Could you explain me why more power is required to fly 150 KIAS at FL300 than at 5000 feet ? The real solution is that, to generate Lift equal to the Weight of the aircraft, at a higher altitude. The wing needs a higher Angle of Attack, as the air is thinner. This higher AoA creates a higher Drag... Simple as that. Now what was all that about cars pushing the earth around....? |
Can we leave the motor car experiments, for a while, and get back to the original question.... Could you explain me why more power is required to fly 150 KIAS at FL300 than at 5000 feet ? The real solution is that, to generate Lift equal to the Weight of the aircraft, at a higher altitude. The wing needs a higher Angle of Attack, as the air is thinner. This higher AoA creates a higher Drag... Simple as that. The term “150 KIAS” means 150 knots Indicated Airspeed. The ASI produces its indication (The Indicated Airspeed) by measuring the dynamic pressure.
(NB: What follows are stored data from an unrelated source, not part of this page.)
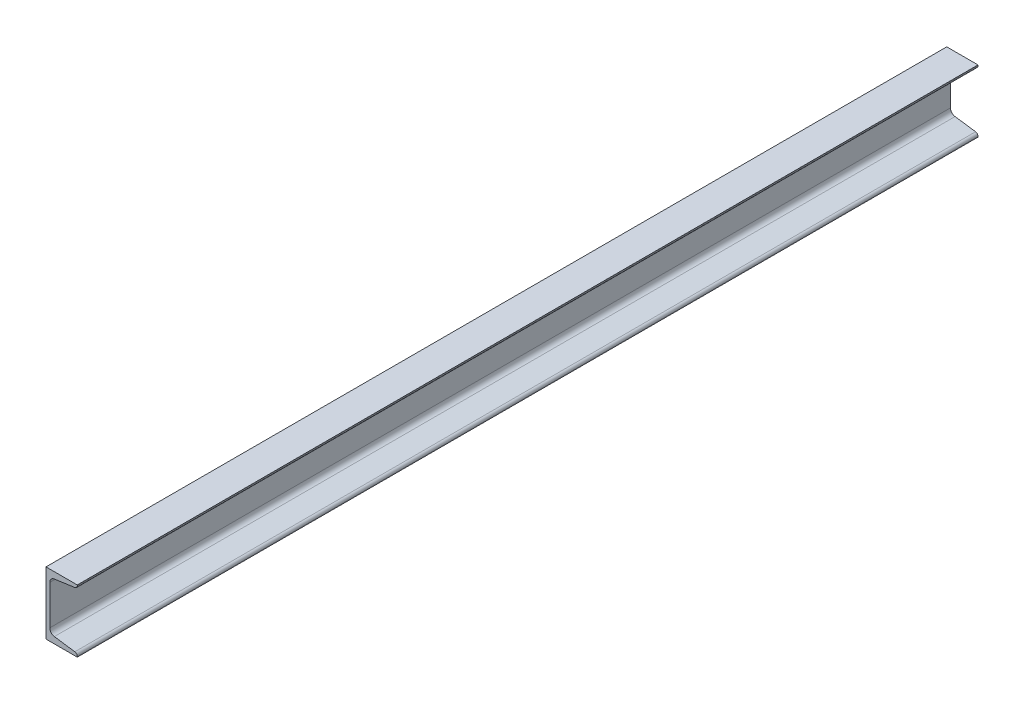
SolidWorks part; units mm, degrees
material "1023 Carbon Steel Plate (SS)"
ref_plane "Front Plane" through (0, 0, 0) normal (0, 0, 1) x (1, 0, 0)
ref_plane "Top Plane" through (0, 0, 0) normal (0, 1, 0) x (1, 0, 0)
ref_plane "Right Plane" through (0, 0, 0) normal (1, 0, 0) x (0, 0, -1)
sketch "Sketch1" plane through (0, 0, 0) normal (0, 0, 1) x (1, 0, 0)
  line L0 (0, 0) -> (-50, 0)
  line L1 (-50, 0) -> (-50, -100)
  line L2 (-50, -100) -> (0, -100)
  line L3 (0, -100) -> (0, -98.9253)
  line L4 (-3.8737, -94.4691) -> (-36.683, -89.8581)
  line L5 (-44, -81.4408) -> (-44, -18.5592)
  line L6 (-36.683, -10.1419) -> (-3.8737, -5.5309)
  line L7 (0, -1.0747) -> (0, 0)
  line L8 (-25, -91.5) -> (-25, -100)
  arc A0 (-36.683, -89.8581) -> (-44, -81.4408) centre (-35.5, -81.4408) cw
  arc A1 (-44, -18.5592) -> (-36.683, -10.1419) centre (-35.5, -18.5592) cw
  arc A2 (0, -98.9253) -> (-3.8737, -94.4691) centre (-4.5, -98.9253) ccw
  arc A3 (-3.8737, -5.5309) -> (0, -1.0747) centre (-4.5, -1.0747) ccw
  dimension "D8" = 8.5
  dimension "D9" = 4.5
  dimension "D1" = 100
  dimension "D2" = 50
  dimension "D3" = 6
  dimension "D4" = 25
  dimension "D5" = 8
  dimension "D6" = 8.5
  dimension "D7" = 8
extrude "Boss-Extrude1" add sketch "Sketch1" along normal blind 1440 contours A3 L6 A1 L5 A0 L4 A2 L3 L2 L1 L0 L7
sketch "Sketch2" plane through (-50, 0, 0) normal (-1, 0, 0) x (0, 0, 1)
  line L0 (0, 0) -> (0, -100) construction
  line L1 (1440, 0) -> (0, 0) construction
  circle A0 centre (73.2, -38) radius 8.5
  circle A1 centre (234.9, -38) radius 8.5
  circle A2 centre (396.6, -38) radius 8.5
  circle A3 centre (558.3, -38) radius 8.5
  circle A4 centre (720, -38) radius 8.5
  circle A5 centre (881.7, -38) radius 8.5
  circle A6 centre (1043.4, -38) radius 8.5
  circle A7 centre (1205.1, -38) radius 8.5
  circle A8 centre (1366.8, -38) radius 8.5
  dimension "D3" = 17
  dimension "D1" = 73.2
  dimension "D2" = 38
  dimension "D4" = 9
extrude "Cut-Extrude1" cut sketch "Sketch2" against normal blind 1440

The ASI has no means of knowing what the altitude is, so every time it senses a particular value of dynamic pressure it will give out the same Indicated Airspeed. This means that if we fly at the same IAS at any number of different altitudes, we will always be flying at a constant dynamic pressure. Both lift and drag are proportional to dynamic pressure so the constant dynamic pressure at constant IAS produces constant values of lift and drag, without any requirement to change the angle of attack. But as our altitude increases, the TAS at which we must fly to achieve our constant IAS must increase. It is this increasing TAS which causes the increase in power required. All of this is explained in my initial post in this thread. The only error in that post is the final number 3.375 |
Keith Williams, what I am taking issue with is this:
because the road is stiff enough to resist the forces involved, it does not experience a rearward acceleration....Now getting back to our aircraft ...we will never get to 100% because the exhaust gas is not sufficiently stiff to resist being accelerated rearwards. To test this argument let’s imagine that we have 2 identical cars standing back to back and tied together with a strong rope. The cars move forward until the rope becomes stretched and are then brought to a standstill....If I stand on the ground my feet exert a downward force equal to my weight. If the ground is stiff enough it exerts an equal and opposite upward force which prevents me from sinking into the ground. But this process does not cause the Earth to accelerate downwards. As I have said above if we increase the friction on the wheel pivot, the resulting motion will become very different. So the motions of the bodies concerned ( in this case hamster and wheel) are not determined entirely by their masses alone. Well just assume the normal fricition for a hamster wheel spindle. The wheel spins. The resistance is mainly due to friction in the spindle and to a lesser extent on the very small inertia of the wheel. None of the resistance is "because the material on which you are exerting your rearward force is stiff" like the ground under a car. The point which I am arguing is that the thrust in our car or aircraft or whatever, is not generated by the rearward acceleration of whatever we may be pushing against. |
Both examples of static equilibrium - no net external force on either car, body or ground and no motion. Propulsion is different, there is a net external force causing motion of one body and therefore by conservation law there has to be an equal and opposite change of momentum on another. You appear to be arguing that if a body is in a state of equilibrium there can be no propulsive force acting upon it. Might I suggest that you look at an aircraft in straight and level flight at constant speed. Lift = Weight That is why the flight is level. Forces to the left = force to the right That is why it flies straight. Thrust = drag. That is why the speed is constant. The aircraft is in equilibrium but it has a propulsive force (thrust) to maintain this condition. Stiffness cannot replace the momentum change. Something with mass has to be accelerated. From these examples you should by now have recognised the fact that a propulsive force can sometimes be generated without accelerating anything. According to Aerodynamics for Naval Aviators: “the force of thrust results from the acceleration provided to the mass of working fluid”. |
Oh, bad luck, Keith! I hear that woman is so good even presidents favour her.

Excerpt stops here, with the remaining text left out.